PL : Vous avez le sentiment d’être le reflet de cette jeunesse d’aujourd’hui, à fleur de peau ?
Fauve : Pas du tout. Le truc de Fauve à la base c’est de vider le trop plein qu’on avait entre nous et de se retrouver pour vider notre sac et se libérer de ce qui nous pesait. Il n’y a jamais eu cette démarche de vouloir rassembler ou d’incarner un dénominateur commun pour plein de gens. C’était vraiment une démarche super égoïste. On ne veut pas être le reflet d’une jeunesse ou de quoi que ce soit. On parle pour nous et personne d’autre. On parle de nos vies, de nos problèmes, de nos angoisses. Après, si ça peut toucher d’autres personnes, ça fait plaisir et ça nous touche et ça nous donne le sentiment de se sentir utile à travers des témoignages qu’on a reçu mais pour autant la démarche a été égoïste et elle le reste. Aujourd’hui, on écrit pour nous, c’est notre thérapie de groupe. Si ça peut aider d’autres personnes : tant mieux mais on n’est pas la voix d’une génération.
PL : Vous êtes conscient quand même que beaucoup de gens se retrouve dans les sujets qui sont abordés dans les chansons, qu’il se passe un truc ?

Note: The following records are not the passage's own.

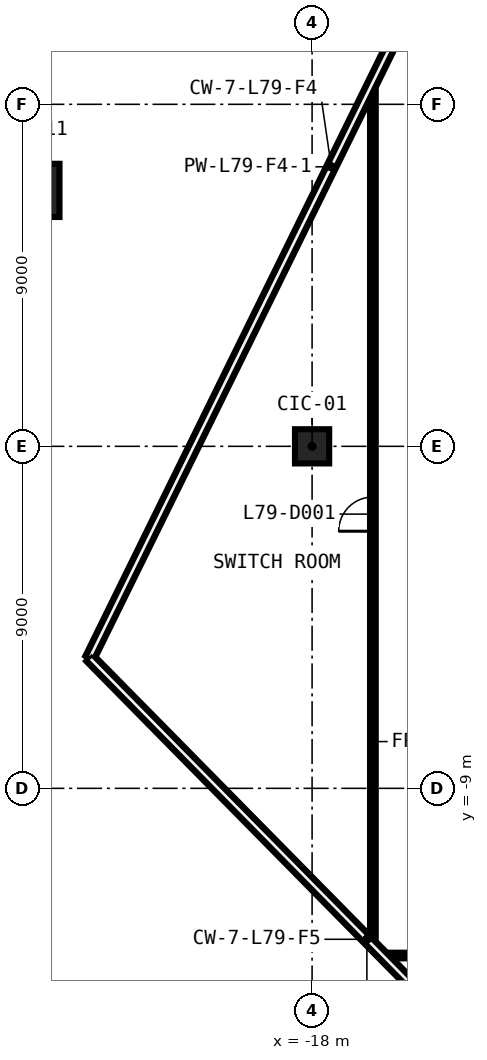
"""IFC4 building model, lengths in metres.
Left out: names, types, materials, properties, quantities, classifications, styles, units other than length and angle.
Written with IfcOpenShell. Run it as: python <this file> out.ifc"""

import sys

from ifc_helpers import new_model, si_unit, direction, frame, frame_2d, origin, origin_2d, place, context, subcontext, project, spatial, rectangle, hollow_rectangle, extrude, element, fill, save


model = new_model("IFC4")
c1 = context("Model", 3, precision=1e-05, world=origin(), true_north=direction((0.0, 1.0)))
c2 = subcontext(c1, "Body", "Model", "MODEL_VIEW")
j1 = project(units=[si_unit("LENGTHUNIT", "METRE"), si_unit("PLANEANGLEUNIT", "RADIAN")], contexts=[c1])
p1 = place(None, origin())
s1 = spatial("IfcSite", under=j1, at=p1, CompositionType="ELEMENT")
p2 = place(p1, origin())
s2 = spatial("IfcBuilding", under=s1, at=p2, CompositionType="ELEMENT")
p3 = place(p2, frame((0.0, 0.0, 367.4)))
s3 = spatial("IfcBuildingStorey", under=s2, at=p3, CompositionType="ELEMENT", Elevation=367.4)
p4 = place(p3, frame((-18.0, 0.0, 0.0), z_axis=(0.0, 0.0, 1.0), x_axis=(1.0, 0.0, 0.0)))
e1 = element("IfcColumn", 1, at=p4, inside=s3, PredefinedType="COLUMN", context=c2, shape_type="SweptSolid", body=[
    extrude(rectangle(XDim=0.9, YDim=0.9, at=origin_2d()), origin(), (0.0, 0.0, 1.0), 3.8),
])
p5 = place(p3, frame((-25.347, 6.735, 0.0), z_axis=(0.0, 0.0, 1.0), x_axis=(1.0, 0.0, 0.0)))
e2 = element("IfcColumn", 2, at=p5, inside=s3, PredefinedType="COLUMN", context=c2, shape_type="SweptSolid", body=[
    extrude(hollow_rectangle(XDim=1.4, YDim=1.4, WallThickness=0.06, at=origin_2d()), origin(), (0.0, 0.0, 1.0), 4.2),
])
p6 = place(p3, frame((14.656, -13.4, 0.0), z_axis=(0.0, 0.0, 1.0), x_axis=(-1.0, 0.0, 0.0)))
e3 = element("IfcWall", 3, at=p6, inside=s3, PredefinedType="PARTITIONING", context=c2, shape_type="SweptSolid", body=[
    extrude(rectangle(XDim=30.765, YDim=0.15, at=frame_2d((15.383, 0.0))), origin(), (0.0, 0.0, 1.0), 3.8),
])
p7 = place(p6, frame((14.933, 0.0, 0.0)))
e4 = element("IfcOpeningElement", 4, at=p7, cuts=e3, PredefinedType="OPENING", context=c2, shape_type="SweptSolid", body=[
    extrude(rectangle(XDim=0.9, YDim=2.1, at=frame_2d((0.45, 1.05))), frame((0.0, 0.085, 0.0), z_axis=(0.0, -1.0, 0.0), x_axis=(1.0, 0.0, 0.0)), (0.0, 0.0, 1.0), 0.17),
])
p8 = place(p3, frame((-16.4, -13.105, 0.0), z_axis=(0.0, 0.0, 1.0), x_axis=(0.0, 1.0, 0.0)))
e5 = element("IfcWall", 5, at=p8, inside=s3, PredefinedType="PARTITIONING", context=c2, shape_type="SweptSolid", body=[
    extrude(rectangle(XDim=22.641, YDim=0.15, at=frame_2d((11.321, 0.0))), origin(), (0.0, 0.0, 1.0), 3.8),
])
p9 = place(p8, frame((10.871, 0.0, 0.0)))
e6 = element("IfcOpeningElement", 6, at=p9, cuts=e5, PredefinedType="OPENING", context=c2, shape_type="SweptSolid", body=[
    extrude(rectangle(XDim=0.9, YDim=2.1, at=frame_2d((0.45, 1.05))), frame((0.0, 0.085, 0.0), z_axis=(0.0, -1.0, 0.0), x_axis=(1.0, 0.0, 0.0)), (0.0, 0.0, 1.0), 0.17),
])
p10 = place(p3, frame((-11.138, 20.28, 0.0), z_axis=(0.0, 0.0, 1.0), x_axis=(-0.441342255748, -0.897338850876, 0.0)))
e7 = element("IfcWall", 7, at=p10, inside=s3, PredefinedType="SOLIDWALL", context=c2, shape_type="SweptSolid", body=[
    extrude(rectangle(XDim=28.805, YDim=0.25, at=frame_2d((14.403, 0.0))), origin(), (0.0, 0.0, 1.0), 3.8),
])
p11 = place(p3, frame((-23.851, -5.568, 0.0), z_axis=(0.0, 0.0, 1.0), x_axis=(0.701718568407, -0.712454244673, 0.0)))
e8 = element("IfcWall", 8, at=p11, inside=s3, PredefinedType="SOLIDWALL", context=c2, shape_type="SweptSolid", body=[
    extrude(rectangle(XDim=20.785, YDim=0.25, at=frame_2d((10.393, 0.0))), origin(), (0.0, 0.0, 1.0), 3.8),
])
p12 = place(p9, origin())
e9 = element("IfcDoor", 9, at=p12, inside=s3, OperationType="SINGLE_SWING_RIGHT", PredefinedType="DOOR", context=c2, shape_type="SweptSolid", body=[
    extrude(rectangle(XDim=0.9, YDim=2.1, at=frame_2d((0.45, 1.05))), frame((0.0, 0.025, 0.0), z_axis=(0.0, -1.0, 0.0), x_axis=(1.0, 0.0, 0.0)), (0.0, 0.0, 1.0), 0.05),
])
fill(e6, e9)
save(model, sys.argv[1])

Fauve : Il y a 2 signaux qui nous font ressentir ça : il y a du monde aux concerts et on reçoit beaucoup de messages sur internet. On se rend compte qu’il se passe un truc mais on n’a pas envie, et c’est le plus important, d’être pris pour ce qu’on n’est pas. Qu’il y ait des gens qui suivent Fauve, c’est très bien et ça nous fait très plaisir mais on ne veut pas être pris pour des sortes de rockstars ou pour la voix d’une génération ou des musiciens de ouf. C’est tout ça qui est embêtant : c’est le niveau d’attente que ça met et la pression par rapport à la maturité du projet puis les considérations nouvelles qui sont : on écrit pour nous mais maintenant on sait que ça va être écouté. Fauve, à la base c’est des monologues sous la douche : tu parles à toi même ou parfois tu parles à tes proches de trucs très précis. C’est plus facile pour nous de la mettre en musique que de le dire directement parce qu’on est lâches. Maintenant, ce truc très précis il y a plein de gens qui vont l’écouter et ça le rend un peu différent mais on doit s’efforcer que ça ne le soit pas sinon Fauve perdra cette fonction quasi vitale pour nous d’être notre thérapie.